There is the possibility that this is going to be a long post, so if you do get through it then thanks for reading.
Two years ago I was in a sexually abusive relationship. I never left him until he broke up with me. I didn't realise at the time that it was abusive. Since then I've wondered if it was actually abusive or if I was just claiming/thinking that it was so that I didn't hold myself responsible for the relationship not working out. I have a lot of denial about whether it happened or not.
This year I met a new guy. Yay! I was so happy, and he seemed so perfect. We got on well. But I started noticing worrying things. Like an intense level of commitment early on, heavy demands on my time and so on. Then I noticed he'd get angry really, really, quickly. He threatened to break up with me a few times. He punched walls, binge smoked, gave me the silent treatment. One day he ignored my calls for the entire day (I thought he was ill) and lied about why he had done so.
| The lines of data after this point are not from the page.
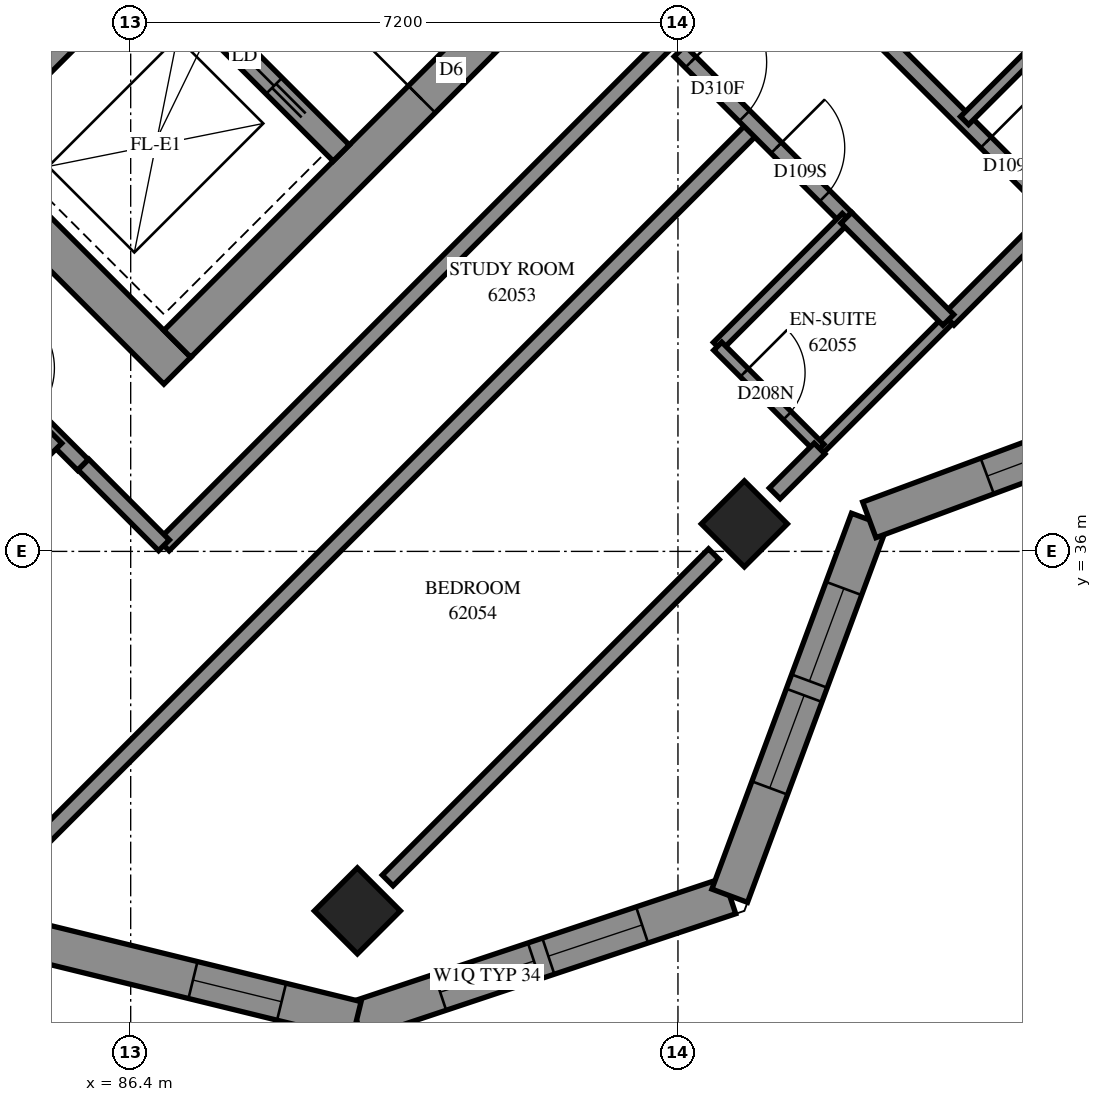
"""IFC4 building model, lengths in metres.
Left out: names, types, materials, properties, quantities, classifications, styles, units other than length and angle.
Written with IfcOpenShell. Run it as: python <this file> out.ifc"""

import sys

from ifc_helpers import new_model, si_unit, direction, frame, frame_2d, origin, origin_2d, place, context, subcontext, project, spatial, polyline, rectangle, outline, extrude, element, fill, save


model = new_model("IFC4")
c1 = context("Model", 3, precision=1e-05, world=origin(), true_north=direction((0.0, 1.0)))
c2 = subcontext(c1, "Body", "Model", "MODEL_VIEW")
j1 = project(units=[si_unit("LENGTHUNIT", "METRE"), si_unit("PLANEANGLEUNIT", "RADIAN")], contexts=[c1])
p1 = place(None, origin())
s1 = spatial("IfcSite", under=j1, at=p1, CompositionType="ELEMENT")
p2 = place(p1, origin())
s2 = spatial("IfcBuilding", under=s1, at=p2, CompositionType="ELEMENT")
p3 = place(p2, frame((0.0, 0.0, 227.0)))
s3 = spatial("IfcBuildingStorey", under=s2, at=p3, CompositionType="ELEMENT", Elevation=227.0)
for number, where, z_axis, x_axis in (
    (1, (94.474, 36.362, 0.0), (0.0, 0.0, 1.0), (0.707, -0.707, 0.0)),
    (2, (89.382, 31.271, 0.0), (0.0, 0.0, 1.0), (0.707, -0.707, 0.0)),
):
    element("IfcColumn", number, at=place(p3, frame(where, z_axis=z_axis, x_axis=x_axis)), inside=s3, PredefinedType="COLUMN", context=c2, shape_type="SweptSolid", body=[
        extrude(rectangle(XDim=0.8, YDim=0.8, at=origin_2d()), origin(), (0.0, 0.0, 1.0), 3.1),
    ])
p4 = place(p3, frame((76.124, 49.267, -0.3), z_axis=(0.0, 0.0, 1.0), x_axis=(0.7071067812, -0.7071067812, 0.0)))
e3 = element("IfcWall", 3, at=p4, inside=s3, PredefinedType="SHEAR", context=c2, shape_type="SweptSolid", body=[
    extrude(rectangle(XDim=15.4, YDim=0.5, at=frame_2d((7.7, 0.0))), origin(), (0.0, 0.0, 1.0), 2.7),
])
p5 = place(p3, frame((87.013, 38.731, -0.3), z_axis=(0.0, 0.0, 1.0), x_axis=(0.7071067812, 0.7071067812, 0.0)))
e4 = element("IfcWall", 4, at=p5, inside=s3, PredefinedType="SHEAR", context=c2, shape_type="SweptSolid", body=[
    extrude(rectangle(XDim=14.4, YDim=0.5, at=frame_2d((7.2, 0.0))), origin(), (0.0, 0.0, 1.0), 2.7),
])
p6 = place(p5, frame((4.55, 0.0, 0.3)))
e5 = element("IfcOpeningElement", 5, at=p6, cuts=e4, PredefinedType="OPENING", context=c2, shape_type="SweptSolid", body=[
    extrude(rectangle(XDim=1.1, YDim=2.1, at=frame_2d((0.55, 1.05))), frame((0.0, 0.26, 0.0), z_axis=(0.0, -1.0, 0.0), x_axis=(1.0, 0.0, 0.0)), (0.0, 0.0, 1.0), 0.52),
])
p7 = place(p5, frame((11.35, 0.0, 0.3)))
e6 = element("IfcOpeningElement", 6, at=p7, cuts=e4, PredefinedType="OPENING", context=c2, shape_type="SweptSolid", body=[
    extrude(rectangle(XDim=1.1, YDim=2.1, at=frame_2d((0.55, 1.05))), frame((0.0, 0.26, 0.0), z_axis=(0.0, -1.0, 0.0), x_axis=(1.0, 0.0, 0.0)), (0.0, 0.0, 1.0), 0.52),
])
p8 = place(p3, frame((84.291, 41.453, 0.0), z_axis=(0.0, 0.0, 1.0), x_axis=(0.7071067812, 0.7071067812, 0.0)))
e7 = element("IfcWall", 7, at=p8, inside=s3, PredefinedType="SOLIDWALL", context=c2, shape_type="SweptSolid", body=[
    extrude(rectangle(XDim=3.3, YDim=0.3, at=frame_2d((1.65, 0.0))), origin(), (0.0, 0.0, 1.0), 3.1),
])
p9 = place(p3, frame((78.988, 51.423, 0.0), z_axis=(0.0, 0.0, 1.0), x_axis=(0.7071067812, -0.7071067812, 0.0)))
e8 = element("IfcWall", 8, at=p9, inside=s3, PredefinedType="SOLIDWALL", context=c2, shape_type="SweptSolid", body=[
    extrude(rectangle(XDim=14.4, YDim=0.3, at=frame_2d((7.2, 0.0))), origin(), (0.0, 0.0, 1.0), 3.1),
])
p10 = place(p9, frame((1.35, 0.0, 0.0)))
e9 = element("IfcOpeningElement", 9, at=p10, cuts=e8, PredefinedType="OPENING", context=c2, shape_type="SweptSolid", body=[
    extrude(rectangle(XDim=0.9, YDim=2.1, at=frame_2d((0.45, 1.05))), frame((0.0, 0.16, 0.0), z_axis=(0.0, -1.0, 0.0), x_axis=(1.0, 0.0, 0.0)), (0.0, 0.0, 1.0), 0.32),
])
p11 = place(p9, frame((4.95, 0.0, 0.0)))
e10 = element("IfcOpeningElement", 10, at=p11, cuts=e8, PredefinedType="OPENING", context=c2, shape_type="SweptSolid", body=[
    extrude(rectangle(XDim=0.9, YDim=2.1, at=frame_2d((0.45, 1.05))), frame((0.0, 0.16, 0.0), z_axis=(0.0, -1.0, 0.0), x_axis=(1.0, 0.0, 0.0)), (0.0, 0.0, 1.0), 0.32),
])
p12 = place(p9, frame((8.55, 0.0, 0.0)))
e11 = element("IfcOpeningElement", 11, at=p12, cuts=e8, PredefinedType="OPENING", context=c2, shape_type="SweptSolid", body=[
    extrude(rectangle(XDim=0.9, YDim=2.1, at=frame_2d((0.45, 1.05))), frame((0.0, 0.16, 0.0), z_axis=(0.0, -1.0, 0.0), x_axis=(1.0, 0.0, 0.0)), (0.0, 0.0, 1.0), 0.32),
])
p13 = place(p9, frame((12.05, 0.0, 0.0)))
e12 = element("IfcOpeningElement", 12, at=p13, cuts=e8, PredefinedType="OPENING", context=c2, shape_type="SweptSolid", body=[
    extrude(rectangle(XDim=1.1, YDim=2.1, at=frame_2d((0.55, 1.05))), frame((0.0, 0.16, 0.0), z_axis=(0.0, -1.0, 0.0), x_axis=(1.0, 0.0, 0.0)), (0.0, 0.0, 1.0), 0.32),
])
p14 = place(p3, frame((89.372, 29.834, 0.0), z_axis=(0.0, 0.0, 1.0), x_axis=(0.948687163, 0.3162161709, 0.0)))
e13 = element("IfcWall", 13, at=p14, inside=s3, PredefinedType="SOLIDWALL", context=c2, shape_type="SweptSolid", body=[
    extrude(outline(polyline([(-0.072, -0.25), (5.294, -0.25), (5.055, 0.25), (0.072, 0.25), (-0.072, -0.25)])), origin(), (0.0, 0.0, 1.0), 3.1),
])
p15 = place(p14, frame((1.16, 0.0, 0.45)))
e14 = element("IfcOpeningElement", 14, at=p15, cuts=e13, PredefinedType="OPENING", context=c2, shape_type="SweptSolid", body=[
    extrude(rectangle(XDim=1.3, YDim=2.5, at=frame_2d((0.65, 1.25))), frame((0.0, 0.26, 0.0), z_axis=(0.0, -1.0, 0.0), x_axis=(1.0, 0.0, 0.0)), (0.0, 0.0, 1.0), 0.52),
])
p16 = place(p14, frame((2.66, 0.0, 0.45)))
e15 = element("IfcOpeningElement", 15, at=p16, cuts=e13, PredefinedType="OPENING", context=c2, shape_type="SweptSolid", body=[
    extrude(rectangle(XDim=1.3, YDim=2.5, at=frame_2d((0.65, 1.25))), frame((0.0, 0.26, 0.0), z_axis=(0.0, -1.0, 0.0), x_axis=(1.0, 0.0, 0.0)), (0.0, 0.0, 1.0), 0.52),
])
p17 = place(p3, frame((94.281, 31.47, 0.0), z_axis=(0.0, 0.0, 1.0), x_axis=(0.3481903374, 0.9374238577, 0.0)))
e16 = element("IfcWall", 16, at=p17, inside=s3, PredefinedType="SOLIDWALL", context=c2, shape_type="SweptSolid", body=[
    extrude(outline(polyline([(-0.12, -0.25), (5.16, -0.25), (5.39, 0.25), (0.12, 0.25), (-0.12, -0.25)])), origin(), (0.0, 0.0, 1.0), 3.1),
])
p18 = place(p17, frame((1.512, 0.0, 0.45)))
e17 = element("IfcOpeningElement", 17, at=p18, cuts=e16, PredefinedType="OPENING", context=c2, shape_type="SweptSolid", body=[
    extrude(rectangle(XDim=1.3, YDim=2.5, at=frame_2d((0.65, 1.25))), frame((0.0, 0.26, 0.0), z_axis=(0.0, -1.0, 0.0), x_axis=(1.0, 0.0, 0.0)), (0.0, 0.0, 1.0), 0.52),
])
p19 = place(p17, frame((3.012, 0.0, 0.45)))
e18 = element("IfcOpeningElement", 18, at=p19, cuts=e16, PredefinedType="OPENING", context=c2, shape_type="SweptSolid", body=[
    extrude(rectangle(XDim=1.3, YDim=2.5, at=frame_2d((0.65, 1.25))), frame((0.0, 0.26, 0.0), z_axis=(0.0, -1.0, 0.0), x_axis=(1.0, 0.0, 0.0)), (0.0, 0.0, 1.0), 0.52),
])
p20 = place(p3, frame((96.118, 36.415, 0.0), z_axis=(0.0, 0.0, 1.0), x_axis=(0.9374238577, 0.3481903374, 0.0)))
e19 = element("IfcWall", 19, at=p20, inside=s3, PredefinedType="SOLIDWALL", context=c2, shape_type="SweptSolid", body=[
    extrude(outline(polyline([(0.115, -0.25), (5.395, -0.25), (5.155, 0.25), (-0.115, 0.25), (0.115, -0.25)])), origin(), (0.0, 0.0, 1.0), 3.1),
])
p21 = place(p20, frame((1.655, 0.0, 0.45)))
e20 = element("IfcOpeningElement", 20, at=p21, cuts=e19, PredefinedType="OPENING", context=c2, shape_type="SweptSolid", body=[
    extrude(rectangle(XDim=1.3, YDim=2.5, at=frame_2d((0.65, 1.25))), frame((0.0, 0.26, 0.0), z_axis=(0.0, -1.0, 0.0), x_axis=(1.0, 0.0, 0.0)), (0.0, 0.0, 1.0), 0.52),
])
p22 = place(p20, frame((3.155, 0.0, 0.45)))
e21 = element("IfcOpeningElement", 21, at=p22, cuts=e19, PredefinedType="OPENING", context=c2, shape_type="SweptSolid", body=[
    extrude(rectangle(XDim=1.3, YDim=2.5, at=frame_2d((0.65, 1.25))), frame((0.0, 0.26, 0.0), z_axis=(0.0, -1.0, 0.0), x_axis=(1.0, 0.0, 0.0)), (0.0, 0.0, 1.0), 0.52),
])
p23 = place(p3, frame((85.087, 30.883, 0.0), z_axis=(0.0, 0.0, 1.0), x_axis=(0.9712772119, -0.2379507881, 0.0)))
e22 = element("IfcWall", 22, at=p23, inside=s3, PredefinedType="SOLIDWALL", context=c2, shape_type="SweptSolid", body=[
    extrude(outline(polyline([(-0.145, -0.25), (4.483, -0.25), (4.339, 0.25), (0.145, 0.25), (-0.145, -0.25)])), origin(), (0.0, 0.0, 1.0), 3.1),
])
p24 = place(p23, frame((2.195, 0.0, 0.45)))
e23 = element("IfcOpeningElement", 23, at=p24, cuts=e22, PredefinedType="OPENING", context=c2, shape_type="SweptSolid", body=[
    extrude(rectangle(XDim=1.2, YDim=2.5, at=frame_2d((0.6, 1.25))), frame((0.0, 0.26, 0.0), z_axis=(0.0, -1.0, 0.0), x_axis=(1.0, 0.0, 0.0)), (0.0, 0.0, 1.0), 0.52),
])
p25 = place(p3, frame((85.026, 32.008, 0.0), z_axis=(0.0, 0.0, 1.0), x_axis=(0.7071030933, 0.707110469, 0.0)))
e24 = element("IfcWall", 24, at=p25, inside=s3, PredefinedType="PARTITIONING", context=c2, shape_type="SweptSolid", body=[
    extrude(rectangle(XDim=13.558, YDim=0.2, at=frame_2d((6.779, 0.0))), origin(), (0.0, 0.0, 1.0), 3.1),
])
p26 = place(p3, frame((86.835, 36.079, 0.0), z_axis=(0.0, 0.0, 1.0), x_axis=(0.7071067812, 0.7071067812, 0.0)))
e25 = element("IfcWall", 25, at=p26, inside=s3, PredefinedType="PARTITIONING", context=c2, shape_type="SweptSolid", body=[
    extrude(rectangle(XDim=9.402, YDim=0.2, at=frame_2d((4.701, 0.0))), origin(), (0.0, 0.0, 1.0), 3.1),
])
p27 = place(p3, frame((80.849, 42.061, 0.0), z_axis=(0.0, 0.0, 1.0), x_axis=(0.7071067812, -0.7071067812, 0.0)))
e26 = element("IfcWall", 26, at=p27, inside=s3, PredefinedType="PARTITIONING", context=c2, shape_type="SweptSolid", body=[
    extrude(rectangle(XDim=6.964, YDim=0.2, at=frame_2d((3.482, 0.0))), origin(), (0.0, 0.0, 1.0), 3.1),
])
p28 = place(p27, frame((5.159, 0.0, 0.0)))
e27 = element("IfcOpeningElement", 27, at=p28, cuts=e26, PredefinedType="OPENING", context=c2, shape_type="SweptSolid", body=[
    extrude(rectangle(XDim=0.9, YDim=2.1, at=frame_2d((0.45, 1.05))), frame((0.0, 0.11, 0.0), z_axis=(0.0, -1.0, 0.0), x_axis=(1.0, 0.0, 0.0)), (0.0, 0.0, 1.0), 0.22),
])
p29 = place(p3, frame((89.781, 31.671, 0.0), z_axis=(0.0, 0.0, 1.0), x_axis=(0.7071067812, 0.7071067812, 0.0)))
e28 = element("IfcWall", 28, at=p29, inside=s3, PredefinedType="PARTITIONING", context=c2, shape_type="SweptSolid", body=[
    extrude(rectangle(XDim=6.07, YDim=0.2, at=frame_2d((3.035, 0.0))), origin(), (0.0, 0.0, 1.0), 2.6),
])
p30 = place(p3, frame((94.895, 44.137, 0.0), z_axis=(0.0, 0.0, 1.0), x_axis=(0.7071067812, -0.7071067812, 0.0)))
e29 = element("IfcWall", 29, at=p30, inside=s3, PredefinedType="PARTITIONING", context=c2, shape_type="SweptSolid", body=[
    extrude(rectangle(XDim=5.199, YDim=0.2, at=frame_2d((2.599, 0.0))), origin(), (0.0, 0.0, 1.0), 3.1),
])
p31 = place(p30, frame((3.898, 0.0, 0.0)))
e30 = element("IfcOpeningElement", 30, at=p31, cuts=e29, PredefinedType="OPENING", context=c2, shape_type="SweptSolid", body=[
    extrude(rectangle(XDim=0.9, YDim=2.1, at=frame_2d((0.45, 1.05))), frame((0.0, 0.11, 0.0), z_axis=(0.0, -1.0, 0.0), x_axis=(1.0, 0.0, 0.0)), (0.0, 0.0, 1.0), 0.22),
])
p32 = place(p3, frame((93.621, 42.581, 0.0), z_axis=(0.0, 0.0, 1.0), x_axis=(0.7071067812, -0.7071067812, 0.0)))
e31 = element("IfcWall", 31, at=p32, inside=s3, PredefinedType="PARTITIONING", context=c2, shape_type="SweptSolid", body=[
    extrude(rectangle(XDim=3.1, YDim=0.2, at=frame_2d((1.55, 0.0))), origin(), (0.0, 0.0, 1.0), 3.1),
])
p33 = place(p32, frame((0.206, 0.0, 0.0)))
e32 = element("IfcOpeningElement", 32, at=p33, cuts=e31, PredefinedType="OPENING", context=c2, shape_type="SweptSolid", body=[
    extrude(rectangle(XDim=1.0, YDim=2.1, at=frame_2d((0.5, 1.05))), frame((0.0, 0.11, 0.0), z_axis=(0.0, -1.0, 0.0), x_axis=(1.0, 0.0, 0.0)), (0.0, 0.0, 1.0), 0.22),
])
p34 = place(p32, frame((1.8, 0.0, 0.0)))
e33 = element("IfcOpeningElement", 33, at=p34, cuts=e31, PredefinedType="OPENING", context=c2, shape_type="SweptSolid", body=[
    extrude(rectangle(XDim=0.9, YDim=2.1, at=frame_2d((0.45, 1.05))), frame((0.0, 0.11, 0.0), z_axis=(0.0, -1.0, 0.0), x_axis=(1.0, 0.0, 0.0)), (0.0, 0.0, 1.0), 0.22),
])
p35 = place(p3, frame((97.371, 41.667, 0.0), z_axis=(0.0, 0.0, 1.0), x_axis=(0.7075233388, 0.706689978, 0.0)))
e34 = element("IfcWall", 34, at=p35, inside=s3, PredefinedType="PARTITIONING", context=c2, shape_type="SweptSolid", body=[
    extrude(rectangle(XDim=2.4, YDim=0.15, at=frame_2d((1.2, 0.0))), origin(), (0.0, 0.0, 1.0), 3.1),
])
p36 = place(p3, frame((94.12, 38.697, 0.0), z_axis=(0.0, 0.0, 1.0), x_axis=(0.7071067812, 0.7071067812, 0.0)))
e35 = element("IfcWall", 35, at=p36, inside=s3, PredefinedType="PARTITIONING", context=c2, shape_type="SweptSolid", body=[
    extrude(rectangle(XDim=2.398, YDim=0.15, at=frame_2d((1.199, 0.0))), origin(), (0.0, 0.0, 1.0), 3.1),
])
p37 = place(p3, frame((95.463, 37.353, 0.0), z_axis=(0.0, 0.0, 1.0), x_axis=(0.7071067812, 0.7071067812, 0.0)))
e36 = element("IfcWall", 36, at=p37, inside=s3, PredefinedType="PARTITIONING", context=c2, shape_type="SweptSolid", body=[
    extrude(rectangle(XDim=2.398, YDim=0.15, at=frame_2d((1.199, 0.0))), origin(), (0.0, 0.0, 1.0), 2.6),
])
p38 = place(p3, frame((97.16, 39.048, 0.0), z_axis=(0.0, 0.0, 1.0), x_axis=(0.7066068826, 0.7076063266, 0.0)))
e37 = element("IfcWall", 37, at=p38, inside=s3, PredefinedType="PARTITIONING", context=c2, shape_type="SweptSolid", body=[
    extrude(rectangle(XDim=2.001, YDim=0.2, at=frame_2d((1.001, 0.0))), origin(), (0.0, 0.0, 1.0), 2.6),
])
p39 = place(p3, frame((94.124, 38.7, 0.0), z_axis=(0.0, 0.0, 1.0), x_axis=(0.7071067812, -0.7071067812, 0.0)))
e38 = element("IfcWall", 38, at=p39, inside=s3, PredefinedType="PARTITIONING", context=c2, shape_type="SweptSolid", body=[
    extrude(rectangle(XDim=1.901, YDim=0.15, at=frame_2d((0.95, 0.0))), origin(), (0.0, 0.0, 1.0), 3.1),
])
p40 = place(p39, frame((0.494, 0.0, 0.0)))
e39 = element("IfcOpeningElement", 39, at=p40, cuts=e38, PredefinedType="OPENING", context=c2, shape_type="SweptSolid", body=[
    extrude(rectangle(XDim=0.8, YDim=2.1, at=frame_2d((0.4, 1.05))), frame((0.0, 0.085, 0.0), z_axis=(0.0, -1.0, 0.0), x_axis=(1.0, 0.0, 0.0)), (0.0, 0.0, 1.0), 0.17),
])
p41 = place(p3, frame((95.815, 40.389, 0.0), z_axis=(0.0, 0.0, 1.0), x_axis=(0.7065800724, -0.7076330979, 0.0)))
e40 = element("IfcWall", 40, at=p41, inside=s3, PredefinedType="PARTITIONING", context=c2, shape_type="SweptSolid", body=[
    extrude(rectangle(XDim=1.899, YDim=0.2, at=frame_2d((0.95, 0.0))), origin(), (0.0, 0.0, 1.0), 3.1),
])
p42 = place(p3, frame((85.778, 37.142, 0.0), z_axis=(0.0, 0.0, 1.0), x_axis=(0.7064400143, -0.70777292, 0.0)))
e41 = element("IfcWall", 41, at=p42, inside=s3, PredefinedType="PARTITIONING", context=c2, shape_type="SweptSolid", body=[
    extrude(rectangle(XDim=1.5, YDim=0.2, at=frame_2d((0.75, 0.0))), origin(), (0.0, 0.0, 1.0), 3.1),
])
p43 = place(p3, frame((84.693, 36.761, 0.0), z_axis=(0.0, 0.0, 1.0), x_axis=(0.7061388061, 0.708073433, 0.0)))
e42 = element("IfcWall", 42, at=p43, inside=s3, PredefinedType="PARTITIONING", context=c2, shape_type="SweptSolid", body=[
    extrude(rectangle(XDim=1.034, YDim=0.2, at=frame_2d((0.517, 0.0))), origin(), (0.0, 0.0, 1.0), 3.1),
])
p44 = place(p3, frame((94.873, 36.763, 0.0), z_axis=(0.0, 0.0, 1.0), x_axis=(0.7071067812, 0.7071067812, 0.0)))
e43 = element("IfcWall", 43, at=p44, inside=s3, PredefinedType="PARTITIONING", context=c2, shape_type="SweptSolid", body=[
    extrude(rectangle(XDim=0.834, YDim=0.2, at=frame_2d((0.417, 0.0))), origin(), (0.0, 0.0, 1.0), 2.6),
])
p45 = place(p15, origin())
e44 = element("IfcWindow", 44, at=p45, inside=s3, PartitioningType="SINGLE_PANEL", PredefinedType="WINDOW", context=c2, shape_type="SweptSolid", body=[
    extrude(rectangle(XDim=1.3, YDim=2.5, at=frame_2d((0.65, 1.25))), frame((0.0, 0.18, 0.0), z_axis=(0.0, -1.0, 0.0), x_axis=(1.0, 0.0, 0.0)), (0.0, 0.0, 1.0), 0.06),
])
fill(e14, e44)
p46 = place(p16, origin())
e45 = element("IfcWindow", 45, at=p46, inside=s3, PartitioningType="SINGLE_PANEL", PredefinedType="WINDOW", context=c2, shape_type="SweptSolid", body=[
    extrude(rectangle(XDim=1.3, YDim=2.5, at=frame_2d((0.65, 1.25))), frame((0.0, 0.18, 0.0), z_axis=(0.0, -1.0, 0.0), x_axis=(1.0, 0.0, 0.0)), (0.0, 0.0, 1.0), 0.06),
])
fill(e15, e45)
p47 = place(p18, origin())
e46 = element("IfcWindow", 46, at=p47, inside=s3, PartitioningType="SINGLE_PANEL", PredefinedType="WINDOW", context=c2, shape_type="SweptSolid", body=[
    extrude(rectangle(XDim=1.3, YDim=2.5, at=frame_2d((0.65, 1.25))), frame((0.0, 0.18, 0.0), z_axis=(0.0, -1.0, 0.0), x_axis=(1.0, 0.0, 0.0)), (0.0, 0.0, 1.0), 0.06),
])
fill(e17, e46)
p48 = place(p19, origin())
e47 = element("IfcWindow", 47, at=p48, inside=s3, PartitioningType="SINGLE_PANEL", PredefinedType="WINDOW", context=c2, shape_type="SweptSolid", body=[
    extrude(rectangle(XDim=1.3, YDim=2.5, at=frame_2d((0.65, 1.25))), frame((0.0, 0.18, 0.0), z_axis=(0.0, -1.0, 0.0), x_axis=(1.0, 0.0, 0.0)), (0.0, 0.0, 1.0), 0.06),
])
fill(e18, e47)
p49 = place(p21, origin())
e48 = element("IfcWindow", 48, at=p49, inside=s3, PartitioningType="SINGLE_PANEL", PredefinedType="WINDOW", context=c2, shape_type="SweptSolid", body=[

Another he tried to get me to leave his house, then changed his mind later. He critcised things that I like, influenced how I looked and little things that I did (like watching a certain television programme). He insulted my friends and family. He would get so angry at me for getting jealous about other girls or my eating disorder that I would feel completely responsible for everything. I feel like I'm tiptoeing around doing the right thing. He told me that he only gets angry with me because his love for me is so strong. I self-harmedon Friday for the first time in over two years. This weekend he walked out of my brother's birthday party because of something I said and then ignored me until the next day, when he started verbally attacking me again. He swears at me. I finally snapped and walked out of the house, after which he broke the bannister on his stairs in anger.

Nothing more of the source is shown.